# Computer Power Supply as DC to DC Converter



## etischer (Jun 16, 2008)

The problem is these PC power supplies are not designed for the vibration and heat associated with automotive use. That being said, the cheap EV DC-DC converters aren't much better. I already had one IOTA short out. 

http://www.diyelectriccar.com/forums/showthread.php/possible-problem-iota-dc-dc-converter-42424.html


----------



## CrunchTime (Feb 13, 2009)

Also see this thread on modifying a Thermaltake Power supply...

And don't forget that if you're using an MR2 power steering pump, you'll need 50-70A (depending on which one it is)...


----------



## madderscience (Jun 28, 2008)

The other problems with a computer power supply as a DC-DC:

some of them can be quite sensitive to input voltage variations. I had one burn up because the input voltage (DC) was too low, oddly enough.

Also, to charge a 12V battery (which ought to be there for backup if the DC/DC fails) you really need an output voltage at least 13.6V if it is a sealed battery and 14.something if it is flooded. The computer power supply wants to put out exactly 12V. might be possible to tweak it, but the adjustment range is probably not much as these things are designed very task-specific.

I am successfully using a small switching power supply as a dedicated DC/DC for my homemade BMS head end unit so it can be done, but I tried several different models before finding one that worked well on about 72V to 160VDC.


----------



## Max57TBird (Mar 22, 2010)

Snakub said:


> Has anyone considered the option of using a computer power supply as a DC to DC converter. A lot of them run on DC as well as AC and they are a lot cheaper than even the least expensive "EV" DC converter. A good 650 watt power supply can produce 12 volts at 30 amps more than enough to power all the accessories.


 
Gavin Shoebridge in his book, Electric Conversion Made Easy has a chapter on converting a computer power supply, including a schematic and modification to adjust the voltage. Evidently, it worked for him.


----------



## Tesseract (Sep 27, 2008)

madderscience said:


> some of them can be quite sensitive to input voltage variations. I had one burn up because the input voltage (DC) was too low, oddly enough.

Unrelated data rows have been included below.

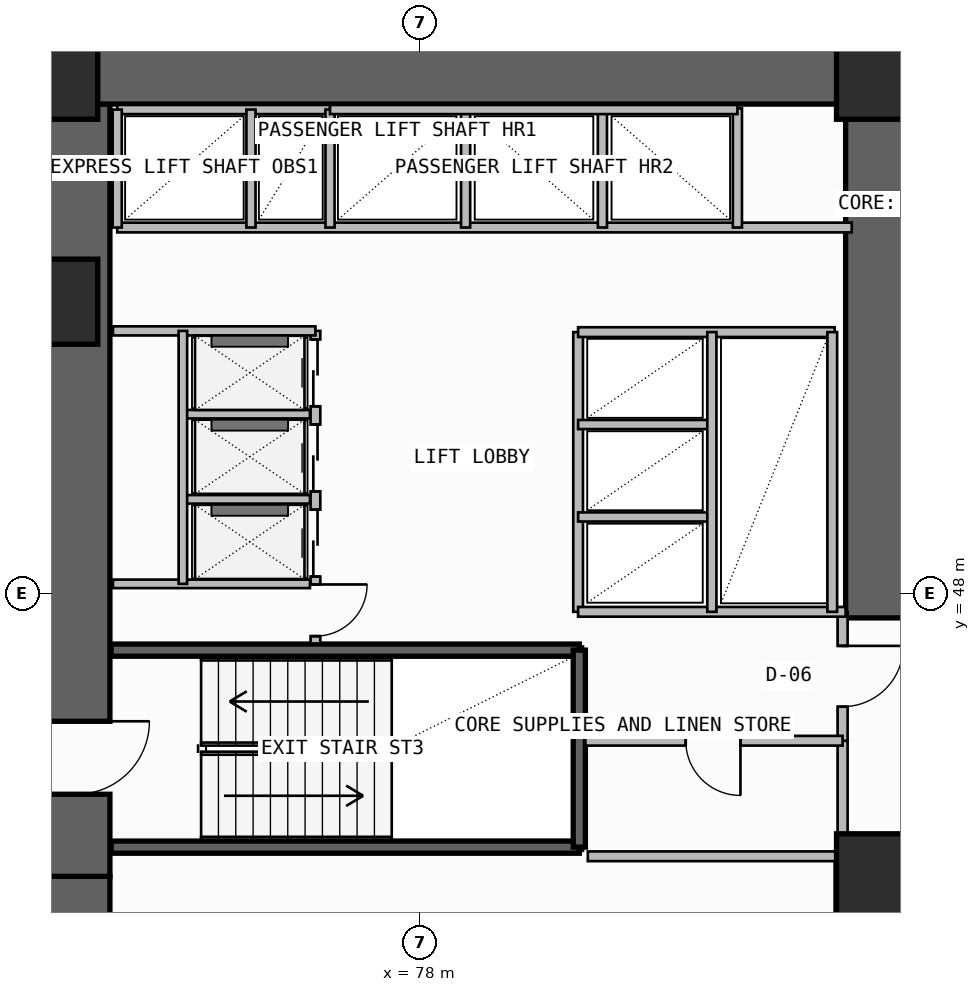
"""IFC4 building model, lengths in metres.
Left out: names, types, materials, properties, quantities, classifications, styles, units other than length and angle.
Written with IfcOpenShell. Run it as: python <this file> out.ifc"""

import sys

from ifc_helpers import new_model, si_unit, direction, frame, frame_2d, origin, origin_2d, place, context, subcontext, project, spatial, rectangle, extrude, element, fill, save


model = new_model("IFC4")
c1 = context("Model", 3, precision=1e-05, world=origin(), true_north=direction((0.0, 1.0)))
c2 = subcontext(c1, "Body", "Model", "MODEL_VIEW")
j1 = project(units=[si_unit("LENGTHUNIT", "METRE"), si_unit("PLANEANGLEUNIT", "RADIAN")], contexts=[c1])
p1 = place(None, origin())
s1 = spatial("IfcSite", under=j1, at=p1, CompositionType="ELEMENT")
p2 = place(p1, origin())
s2 = spatial("IfcBuilding", under=s1, at=p2, CompositionType="ELEMENT")
p3 = place(p2, frame((0.0, 0.0, 59.1)))
s3 = spatial("IfcBuildingStorey", under=s2, at=p3, CompositionType="ELEMENT", Elevation=59.1)
p4 = place(p3, frame((72.35, 35.5, -0.5), z_axis=(0.0, 0.0, 1.0), x_axis=(0.0, 1.0, 0.0)))
e1 = element("IfcWall", 1, at=p4, inside=s3, PredefinedType="SHEAR", context=c2, shape_type="SweptSolid", body=[
    extrude(rectangle(XDim=7.85, YDim=1.1, at=frame_2d((3.925, 0.0))), origin(), (0.0, 0.0, 1.0), 4.3),
])
p5 = place(p4, frame((1.45, 0.0, 0.5)))
e2 = element("IfcOpeningElement", 2, at=p5, cuts=e1, PredefinedType="OPENING", context=c2, shape_type="SweptSolid", body=[
    extrude(rectangle(XDim=1.2, YDim=2.2, at=frame_2d((0.6, 1.1))), frame((0.0, 0.56, 0.0), z_axis=(0.0, -1.0, 0.0), x_axis=(1.0, 0.0, 0.0)), (0.0, 0.0, 1.0), 1.12),
])
p6 = place(p3, frame((72.35, 43.35, -0.5), z_axis=(0.0, 0.0, 1.0), x_axis=(0.0, 1.0, 0.0)))
e3 = element("IfcWall", 3, at=p6, inside=s3, PredefinedType="SHEAR", context=c2, shape_type="SweptSolid", body=[
    extrude(rectangle(XDim=12.7, YDim=1.1, at=frame_2d((6.35, 0.0))), origin(), (0.0, 0.0, 1.0), 4.3),
])
p7 = place(p6, frame((1.35, 0.0, 0.5)))
e4 = element("IfcOpeningElement", 4, at=p7, cuts=e3, PredefinedType="OPENING", context=c2, shape_type="SweptSolid", body=[
    extrude(rectangle(XDim=1.2, YDim=2.2, at=frame_2d((0.6, 1.1))), frame((0.0, 0.56, 0.0), z_axis=(0.0, -1.0, 0.0), x_axis=(1.0, 0.0, 0.0)), (0.0, 0.0, 1.0), 1.12),
])
p8 = place(p3, frame((71.8, 56.6, -0.5), z_axis=(0.0, 0.0, 1.0), x_axis=(1.0, 0.0, 0.0)))
e5 = element("IfcWall", 5, at=p8, inside=s3, PredefinedType="SHEAR", context=c2, shape_type="SweptSolid", body=[
    extrude(rectangle(XDim=14.3, YDim=1.1, at=frame_2d((7.15, 0.0))), origin(), (0.0, 0.0, 1.0), 4.3),
])
p9 = place(p3, frame((85.55, 47.6, -0.5), z_axis=(0.0, 0.0, 1.0), x_axis=(0.0, 1.0, 0.0)))
e6 = element("IfcWall", 6, at=p9, inside=s3, PredefinedType="SHEAR", context=c2, shape_type="SweptSolid", body=[
    extrude(rectangle(XDim=8.45, YDim=1.1, at=frame_2d((4.225, 0.0))), origin(), (0.0, 0.0, 1.0), 4.3),
])
for number, where, z_axis, x_axis in (
    (7, (85.55, 43.35, 0.0), (0.0, 0.0, 1.0), (1.0, 0.0, 0.0)),
    (8, (72.0, 52.8, 0.0), (0.0, 0.0, 1.0), (1.0, 0.0, 0.0)),
    (9, (72.0, 56.5, 0.0), (0.0, 0.0, 1.0), (1.0, 0.0, 0.0)),
    (10, (85.55, 56.5, 0.0), (0.0, 0.0, 1.0), (1.0, 0.0, 0.0)),
):
    element("IfcColumn", number, at=place(p3, frame(where, z_axis=z_axis, x_axis=x_axis)), inside=s3, PredefinedType="COLUMN", context=c2, shape_type="SweptSolid", body=[
        extrude(rectangle(XDim=1.4, YDim=1.4, at=origin_2d()), origin(), (0.0, 0.0, 1.0), 4.2),
    ])
p10 = place(p3, frame((84.92, 38.85, 0.0), z_axis=(0.0, 0.0, 1.0), x_axis=(0.0, 1.0, 0.0)))
e11 = element("IfcWall", 11, at=p10, inside=s3, PredefinedType="SOLIDWALL", context=c2, shape_type="SweptSolid", body=[
    extrude(rectangle(XDim=4.83, YDim=0.2, at=frame_2d((2.415, 0.0))), origin(), (0.0, 0.0, 1.0), 3.8),
])
p11 = place(p10, frame((1.25, 0.0, 0.0)))
e12 = element("IfcOpeningElement", 12, at=p11, cuts=e11, PredefinedType="OPENING", context=c2, shape_type="SweptSolid", body=[
    extrude(rectangle(XDim=1.1, YDim=2.2, at=frame_2d((0.55, 1.1))), frame((0.0, 0.11, 0.0), z_axis=(0.0, -1.0, 0.0), x_axis=(1.0, 0.0, 0.0)), (0.0, 0.0, 1.0), 0.22),
])
for number, where, z_axis, x_axis in (
    (13, (72.92, 43.83, -0.5), (0.0, 0.0, 1.0), (1.0, 0.0, 0.0)),
    (14, (72.92, 47.07, -0.5), (0.0, 0.0, 1.0), (1.0, 0.0, 0.0)),
):
    element("IfcWall", number, at=place(p3, frame(where, z_axis=z_axis, x_axis=x_axis)), inside=s3, PredefinedType="SOLIDWALL", context=c2, shape_type="SweptSolid", body=[
        extrude(rectangle(XDim=7.7, YDim=0.2, at=frame_2d((3.85, 0.0))), origin(), (0.0, 0.0, 1.0), 4.3),
    ])
p12 = place(p3, frame((80.62, 43.83, -0.5), z_axis=(0.0, 0.0, 1.0), x_axis=(0.0, 1.0, 0.0)))
e15 = element("IfcWall", 15, at=p12, inside=s3, PredefinedType="SOLIDWALL", context=c2, shape_type="SweptSolid", body=[
    extrude(rectangle(XDim=3.24, YDim=0.2, at=frame_2d((1.62, 0.0))), origin(), (0.0, 0.0, 1.0), 4.3),
])
p13 = place(p3, frame((84.95, 43.68, 0.0), z_axis=(0.0, 0.0, 1.0), x_axis=(0.0, 1.0, 0.0)))
e16 = element("IfcWall", 16, at=p13, inside=s3, PredefinedType="PLUMBINGWALL", context=c2, shape_type="SweptSolid", body=[
    extrude(rectangle(XDim=1.9, YDim=0.165, at=frame_2d((0.95, 0.0))), origin(), (0.0, 0.0, 1.0), 3.8),
])
p14 = place(p3, frame((84.95, 45.58, 0.0), z_axis=(0.0, 0.0, 1.0), x_axis=(0.0, 1.0, 0.0)))
e17 = element("IfcWall", 17, at=p14, inside=s3, PredefinedType="PARTITIONING", context=c2, shape_type="SweptSolid", body=[
    extrude(rectangle(XDim=2.12, YDim=0.165, at=frame_2d((1.06, 0.0))), origin(), (0.0, 0.0, 1.0), 3.8),
])
p15 = place(p14, frame((0.56, 0.0, 0.0)))
e18 = element("IfcOpeningElement", 18, at=p15, cuts=e17, PredefinedType="OPENING", context=c2, shape_type="SweptSolid", body=[
    extrude(rectangle(XDim=1.0, YDim=2.2, at=frame_2d((0.5, 1.1))), frame((0.0, 0.093, 0.0), z_axis=(0.0, -1.0, 0.0), x_axis=(1.0, 0.0, 0.0)), (0.0, 0.0, 1.0), 0.185),
])
p16 = place(p3, frame((80.72, 45.58, 0.0), z_axis=(0.0, 0.0, 1.0), x_axis=(1.0, 0.0, 0.0)))
e19 = element("IfcWall", 19, at=p16, inside=s3, PredefinedType="PLUMBINGWALL", context=c2, shape_type="SweptSolid", body=[
    extrude(rectangle(XDim=4.23, YDim=0.16, at=frame_2d((2.115, 0.0))), origin(), (0.0, 0.0, 1.0), 3.8),
])
p17 = place(p16, frame((1.65, 0.0, 0.0)))
e20 = element("IfcOpeningElement", 20, at=p17, cuts=e19, PredefinedType="OPENING", context=c2, shape_type="SweptSolid", body=[
    extrude(rectangle(XDim=0.9, YDim=2.1, at=frame_2d((0.45, 1.05))), frame((0.0, 0.09, 0.0), z_axis=(0.0, -1.0, 0.0), x_axis=(1.0, 0.0, 0.0)), (0.0, 0.0, 1.0), 0.18),
])
p18 = place(p3, frame((80.76, 43.68, 0.0), z_axis=(0.0, 0.0, 1.0), x_axis=(1.0, 0.0, 0.0)))
e21 = element("IfcWall", 21, at=p18, inside=s3, PredefinedType="PLUMBINGWALL", context=c2, shape_type="SweptSolid", body=[
    extrude(rectangle(XDim=4.19, YDim=0.16, at=frame_2d((2.095, 0.0))), origin(), (0.0, 0.0, 1.0), 3.8),
])
p19 = place(p3, frame((76.28, 47.18, 0.0), z_axis=(0.0, 0.0, 1.0), x_axis=(0.0, 1.0, 0.0)))
e22 = element("IfcWall", 22, at=p19, inside=s3, PredefinedType="SOLIDWALL", context=c2, shape_type="SweptSolid", body=[
    extrude(rectangle(XDim=5.14, YDim=0.16, at=frame_2d((2.57, 0.0))), origin(), (0.0, 0.0, 1.0), 3.8),
])
p20 = place(p19, frame((1.1, 0.0, 0.0)))
e23 = element("IfcOpeningElement", 23, at=p20, cuts=e22, PredefinedType="OPENING", context=c2, shape_type="SweptSolid", body=[
    extrude(rectangle(XDim=1.1, YDim=2.25, at=frame_2d((0.55, 1.125))), frame((0.0, 0.09, 0.0), z_axis=(0.0, -1.0, 0.0), x_axis=(1.0, 0.0, 0.0)), (0.0, 0.0, 1.0), 0.18),
])
p21 = place(p19, frame((2.5, 0.0, 0.0)))
e24 = element("IfcOpeningElement", 24, at=p21, cuts=e22, PredefinedType="OPENING", context=c2, shape_type="SweptSolid", body=[
    extrude(rectangle(XDim=1.1, YDim=2.25, at=frame_2d((0.55, 1.125))), frame((0.0, 0.09, 0.0), z_axis=(0.0, -1.0, 0.0), x_axis=(1.0, 0.0, 0.0)), (0.0, 0.0, 1.0), 0.18),
])
p22 = place(p19, frame((3.9, 0.0, 0.0)))
e25 = element("IfcOpeningElement", 25, at=p22, cuts=e22, PredefinedType="OPENING", context=c2, shape_type="SweptSolid", body=[
    extrude(rectangle(XDim=1.1, YDim=2.25, at=frame_2d((0.55, 1.125))), frame((0.0, 0.09, 0.0), z_axis=(0.0, -1.0, 0.0), x_axis=(1.0, 0.0, 0.0)), (0.0, 0.0, 1.0), 0.18),
])
p23 = place(p19, frame((0.12, 0.0, 0.0)))
e26 = element("IfcOpeningElement", 26, at=p23, cuts=e22, PredefinedType="OPENING", context=c2, shape_type="SweptSolid", body=[
    extrude(rectangle(XDim=0.85, YDim=2.05, at=frame_2d((0.425, 1.025))), frame((0.0, 0.09, 0.0), z_axis=(0.0, -1.0, 0.0), x_axis=(1.0, 0.0, 0.0)), (0.0, 0.0, 1.0), 0.18),
])
p24 = place(p3, frame((72.95, 52.32, 0.0), z_axis=(0.0, 0.0, 1.0), x_axis=(1.0, 0.0, 0.0)))
e27 = element("IfcWall", 27, at=p24, inside=s3, PredefinedType="SOLIDWALL", context=c2, shape_type="SweptSolid", body=[
    extrude(rectangle(XDim=3.33, YDim=0.15, at=frame_2d((1.665, 0.0))), origin(), (0.0, 0.0, 1.0), 3.8),
])
p25 = place(p3, frame((72.95, 48.16, 0.0), z_axis=(0.0, 0.0, 1.0), x_axis=(1.0, 0.0, 0.0)))
e28 = element("IfcWall", 28, at=p25, inside=s3, PredefinedType="PLUMBINGWALL", context=c2, shape_type="SweptSolid", body=[
    extrude(rectangle(XDim=3.24, YDim=0.14, at=frame_2d((1.62, 0.0))), origin(), (0.0, 0.0, 1.0), 3.8),
])
for number, where, z_axis, x_axis in (
    (29, (74.15, 49.55, 0.0), (0.0, 0.0, 1.0), (1.0, 0.0, 0.0)),
    (30, (74.15, 50.95, 0.0), (0.0, 0.0, 1.0), (1.0, 0.0, 0.0)),
):
    element("IfcWall", number, at=place(p3, frame(where, z_axis=z_axis, x_axis=x_axis)), inside=s3, PredefinedType="PLUMBINGWALL", context=c2, shape_type="SweptSolid", body=[
        extrude(rectangle(XDim=2.04, YDim=0.14, at=frame_2d((1.02, 0.0))), origin(), (0.0, 0.0, 1.0), 3.8),
    ])
p26 = place(p3, frame((74.1, 48.16, 0.0), z_axis=(0.0, 0.0, 1.0), x_axis=(0.0, 1.0, 0.0)))
e31 = element("IfcWall", 31, at=p26, inside=s3, PredefinedType="PLUMBINGWALL", context=c2, shape_type="SweptSolid", body=[
    extrude(rectangle(XDim=4.16, YDim=0.14, at=frame_2d((2.08, 0.0))), origin(), (0.0, 0.0, 1.0), 3.8),
])
p27 = place(p3, frame((80.6, 47.7, 0.0), z_axis=(0.0, 0.0, 1.0), x_axis=(0.0, 1.0, 0.0)))
e32 = element("IfcWall", 32, at=p27, inside=s3, PredefinedType="SOLIDWALL", context=c2, shape_type="SweptSolid", body=[
    extrude(rectangle(XDim=4.6, YDim=0.16, at=frame_2d((2.3, 0.0))), origin(), (0.0, 0.0, 1.0), 3.8),
])
p28 = place(p3, frame((80.6, 47.7, 0.0), z_axis=(0.0, 0.0, 1.0), x_axis=(1.0, 0.0, 0.0)))
e33 = element("IfcWall", 33, at=p28, inside=s3, PredefinedType="SOLIDWALL", context=c2, shape_type="SweptSolid", body=[
    extrude(rectangle(XDim=4.4, YDim=0.16, at=frame_2d((2.2, 0.0))), origin(), (0.0, 0.0, 1.0), 3.8),
])
p29 = place(p3, frame((80.6, 52.3, 0.0), z_axis=(0.0, 0.0, 1.0), x_axis=(1.0, 0.0, 0.0)))
e34 = element("IfcWall", 34, at=p29, inside=s3, PredefinedType="SOLIDWALL", context=c2, shape_type="SweptSolid", body=[
    extrude(rectangle(XDim=4.22, YDim=0.16, at=frame_2d((2.11, 0.0))), origin(), (0.0, 0.0, 1.0), 3.8),
])
for number, where, z_axis, x_axis in (
    (35, (80.6, 49.26, 0.0), (0.0, 0.0, 1.0), (1.0, 0.0, 0.0)),
    (36, (80.6, 50.78, 0.0), (0.0, 0.0, 1.0), (1.0, 0.0, 0.0)),
):
    element("IfcWall", number, at=place(p3, frame(where, z_axis=z_axis, x_axis=x_axis)), inside=s3, PredefinedType="PLUMBINGWALL", context=c2, shape_type="SweptSolid", body=[
        extrude(rectangle(XDim=2.2, YDim=0.15, at=frame_2d((1.1, 0.0))), origin(), (0.0, 0.0, 1.0), 3.8),
    ])
p30 = place(p3, frame((82.8, 47.7, 0.0), z_axis=(0.0, 0.0, 1.0), x_axis=(0.0, 1.0, 0.0)))
e37 = element("IfcWall", 37, at=p30, inside=s3, PredefinedType="PLUMBINGWALL", context=c2, shape_type="SweptSolid", body=[
    extrude(rectangle(XDim=4.6, YDim=0.15, at=frame_2d((2.3, 0.0))), origin(), (0.0, 0.0, 1.0), 3.8),
])
p31 = place(p3, frame((84.78, 47.7, 0.0), z_axis=(0.0, 0.0, 1.0), x_axis=(0.0, 1.0, 0.0)))
e38 = element("IfcWall", 38, at=p31, inside=s3, PredefinedType="SOLIDWALL", context=c2, shape_type="SweptSolid", body=[
    extrude(rectangle(XDim=4.6, YDim=0.16, at=frame_2d((2.3, 0.0))), origin(), (0.0, 0.0, 1.0), 3.8),
])
p32 = place(p3, frame((73.02, 54.02, 0.0), z_axis=(0.0, 0.0, 1.0), x_axis=(1.0, 0.0, 0.0)))
e39 = element("IfcWall", 39, at=p32, inside=s3, PredefinedType="SOLIDWALL", context=c2, shape_type="SweptSolid", body=[
    extrude(rectangle(XDim=12.08, YDim=0.16, at=frame_2d((6.04, 0.0))), origin(), (0.0, 0.0, 1.0), 3.8),
])
p33 = place(p3, frame((73.02, 55.96, 0.0), z_axis=(0.0, 0.0, 1.0), x_axis=(1.0, 0.0, 0.0)))
e40 = element("IfcWall", 40, at=p33, inside=s3, PredefinedType="SOLIDWALL", context=c2, shape_type="SweptSolid", body=[
    extrude(rectangle(XDim=3.5, YDim=0.15, at=frame_2d((1.75, 0.0))), origin(), (0.0, 0.0, 1.0), 3.8),
])
p34 = place(p3, frame((73.02, 54.02, 0.0), z_axis=(0.0, 0.0, 1.0), x_axis=(0.0, 1.0, 0.0)))
e41 = element("IfcWall", 41, at=p34, inside=s3, PredefinedType="PLUMBINGWALL", context=c2, shape_type="SweptSolid", body=[
    extrude(rectangle(XDim=1.94, YDim=0.15, at=frame_2d((0.97, 0.0))), origin(), (0.0, 0.0, 1.0), 3.8),
])
p35 = place(p3, frame((76.52, 54.02, 0.0), z_axis=(0.0, 0.0, 1.0), x_axis=(0.0, 1.0, 0.0)))
e42 = element("IfcWall", 42, at=p35, inside=s3, PredefinedType="SOLIDWALL", context=c2, shape_type="SweptSolid", body=[
    extrude(rectangle(XDim=1.94, YDim=0.15, at=frame_2d((0.97, 0.0))), origin(), (0.0, 0.0, 1.0), 3.8),
])
p36 = place(p3, frame((75.22, 54.02, 0.0), z_axis=(0.0, 0.0, 1.0), x_axis=(0.0, 1.0, 0.0)))
e43 = element("IfcWall", 43, at=p36, inside=s3, PredefinedType="PLUMBINGWALL", context=c2, shape_type="SweptSolid", body=[
    extrude(rectangle(XDim=1.94, YDim=0.15, at=frame_2d((0.97, 0.0))), origin(), (0.0, 0.0, 1.0), 3.8),
])
for number, where, z_axis, x_axis in (
    (44, (78.75, 54.02, 0.0), (0.0, 0.0, 1.0), (0.0, 1.0, 0.0)),
    (45, (81.0, 54.02, 0.0), (0.0, 0.0, 1.0), (0.0, 1.0, 0.0)),
):
    element("IfcWall", number, at=place(p3, frame(where, z_axis=z_axis, x_axis=x_axis)), inside=s3, PredefinedType="PLUMBINGWALL", context=c2, shape_type="SweptSolid", body=[
        extrude(rectangle(XDim=1.96, YDim=0.15, at=frame_2d((0.98, 0.0))), origin(), (0.0, 0.0, 1.0), 3.8),
    ])
p37 = place(p3, frame((83.22, 54.02, 0.0), z_axis=(0.0, 0.0, 1.0), x_axis=(0.0, 1.0, 0.0)))
e46 = element("IfcWall", 46, at=p37, inside=s3, PredefinedType="SOLIDWALL", context=c2, shape_type="SweptSolid", body=[
    extrude(rectangle(XDim=1.96, YDim=0.15, at=frame_2d((0.98, 0.0))), origin(), (0.0, 0.0, 1.0), 3.8),
])
p38 = place(p3, frame((76.52, 55.96, 0.0), z_axis=(0.0, 0.0, 1.0), x_axis=(1.0, 0.0, 0.0)))
e47 = element("IfcWall", 47, at=p38, inside=s3, PredefinedType="SOLIDWALL", context=c2, shape_type="SweptSolid", body=[
    extrude(rectangle(XDim=6.7, YDim=0.15, at=frame_2d((3.35, 0.0))), origin(), (0.0, 0.0, 1.0), 3.8),
])
p39 = place(p7, frame((1.2, 0.0, 0.0), z_axis=(0.0, 0.0, 1.0), x_axis=(-1.0, 0.0, 0.0)))
e48 = element("IfcDoor", 48, at=p39, inside=s3, OperationType="SINGLE_SWING_LEFT", PredefinedType="USERDEFINED", context=c2, shape_type="SweptSolid", body=[
    extrude(rectangle(XDim=1.2, YDim=2.2, at=frame_2d((0.6, 1.1))), frame((0.0, 0.025, 0.0), z_axis=(0.0, -1.0, 0.0), x_axis=(1.0, 0.0, 0.0)), (0.0, 0.0, 1.0), 0.05),
])
fill(e4, e48)
p40 = place(p15, frame((1.0, 0.0, 0.0), z_axis=(0.0, 0.0, 1.0), x_axis=(-1.0, 0.0, 0.0)))
e49 = element("IfcDoor", 49, at=p40, inside=s3, OperationType="SINGLE_SWING_LEFT", PredefinedType="DOOR", context=c2, shape_type="SweptSolid", body=[
    extrude(rectangle(XDim=1.0, YDim=2.2, at=frame_2d((0.5, 1.1))), frame((0.0, 0.025, 0.0), z_axis=(0.0, -1.0, 0.0), x_axis=(1.0, 0.0, 0.0)), (0.0, 0.0, 1.0), 0.05),
])
fill(e18, e49)
p41 = place(p17, frame((0.9, 0.0, 0.0), z_axis=(0.0, 0.0, 1.0), x_axis=(-1.0, 0.0, 0.0)))
e50 = element("IfcDoor", 50, at=p41, inside=s3, OperationType="SINGLE_SWING_LEFT", PredefinedType="DOOR", context=c2, shape_type="SweptSolid", body=[
    extrude(rectangle(XDim=0.9, YDim=2.1, at=frame_2d((0.45, 1.05))), frame((0.0, 0.025, 0.0), z_axis=(0.0, -1.0, 0.0), x_axis=(1.0, 0.0, 0.0)), (0.0, 0.0, 1.0), 0.05),
])
fill(e20, e50)
p42 = place(p20, origin())
e51 = element("IfcDoor", 51, at=p42, inside=s3, OperationType="DOUBLE_DOOR_SLIDING", PredefinedType="DOOR", context=c2, shape_type="SweptSolid", body=[
    extrude(rectangle(XDim=1.1, YDim=2.25, at=frame_2d((0.55, 1.125))), frame((0.0, 0.025, 0.0), z_axis=(0.0, -1.0, 0.0), x_axis=(1.0, 0.0, 0.0)), (0.0, 0.0, 1.0), 0.05),
])
fill(e23, e51)
p43 = place(p21, origin())
e52 = element("IfcDoor", 52, at=p43, inside=s3, OperationType="DOUBLE_DOOR_SLIDING", PredefinedType="DOOR", context=c2, shape_type="SweptSolid", body=[
    extrude(rectangle(XDim=1.1, YDim=2.25, at=frame_2d((0.55, 1.125))), frame((0.0, 0.025, 0.0), z_axis=(0.0, -1.0, 0.0), x_axis=(1.0, 0.0, 0.0)), (0.0, 0.0, 1.0), 0.05),
])
fill(e24, e52)
p44 = place(p22, origin())
e53 = element("IfcDoor", 53, at=p44, inside=s3, OperationType="DOUBLE_DOOR_SLIDING", PredefinedType="DOOR", context=c2, shape_type="SweptSolid", body=[
    extrude(rectangle(XDim=1.1, YDim=2.25, at=frame_2d((0.55, 1.125))), frame((0.0, 0.025, 0.0), z_axis=(0.0, -1.0, 0.0), x_axis=(1.0, 0.0, 0.0)), (0.0, 0.0, 1.0), 0.05),
])
fill(e25, e53)
p45 = place(p23, frame((0.85, 0.0, 0.0), z_axis=(0.0, 0.0, 1.0), x_axis=(-1.0, 0.0, 0.0)))
e54 = element("IfcDoor", 54, at=p45, inside=s3, OperationType="SINGLE_SWING_LEFT", PredefinedType="DOOR", context=c2, shape_type="SweptSolid", body=[
    extrude(rectangle(XDim=0.85, YDim=2.05, at=frame_2d((0.425, 1.025))), frame((0.0, 0.025, 0.0), z_axis=(0.0, -1.0, 0.0), x_axis=(1.0, 0.0, 0.0)), (0.0, 0.0, 1.0), 0.05),
])
fill(e26, e54)
save(model, sys.argv[1])

That's the "constant power" behavior... so the power supply draws more input current to maintain the same output power as input voltage declines. Most power supplies are smart enough to not draw so much current they burn up, though...


----------



## madderscience (Jun 28, 2008)

funny part is the burning up happened under no load. The PS in question was an older laptop "brick" power supply.

the power supply I had success with is a Meanwell S-60-12 which came from Fry's. its about 4" square by 1" tall and rated for 60 watts, which is enough to run my BMS (which uses maybe 10-15 watts). Not enough for a whole car DC/DC but enough for a dedicated supply like I did.


----------



## TX_Dj (Jul 25, 2008)

Check the web for "bench top ATX power supply" or similar. There are plans out there that show you how to convert an ATX supply to provide a variety of voltages from 3.3v up to 24v. 3.3v is native to the newer supplies, but 24v is a combination of -12v and +12v. Some of the better new supplies come with single 12v rails capable of up to 80A peak, but are more expensive than some true DC converters.

It is quite possible to build an ATX supply to drive 13.x-14.x V, but it's not an optimal solution for reasons others have pointed out.


----------



## Stunt Driver (May 14, 2009)

I have gone the simplest, but maybe not most efficient way - took IBM laptop power supply, which gives out 8-9 amps at 16v, so I inserted couple diodes in series to drop voltage. All I loose id 9A*2v=18 watt of energy, which is misarable. I may add second unit when brake boosted installed, or if i'll drive more at night.

With no steering pump or light on - 9A in combination with aux 40AH battery is enough. Good thing about laptop PSU - it's sealed and durable. Mine runs off 75-90v DC for last 5 months with out trouble.


----------



## few2many (Jun 23, 2009)

Heres a good link to check
http://www.wikihow.com/Convert-a-Computer-ATX-Power-Supply-to-a-Lab-Power-Supply


----------



## barnabyportelli (Jun 28, 2012)

Hi,

I was planning to use an ebay 400W 13.8V switching power supply for my conversion project. something like :
http://www.ebay.co.uk/itm/400W-13-8...5162&pid=100011&prg=1005&rk=1&#ht_3081wt_1185

The problem is that there seems to be a switch between 110Vac and 240Vac a I was planning to use a 144Vdc battery pack. Which voltage setting should I used?

thanks

Barnaby


----------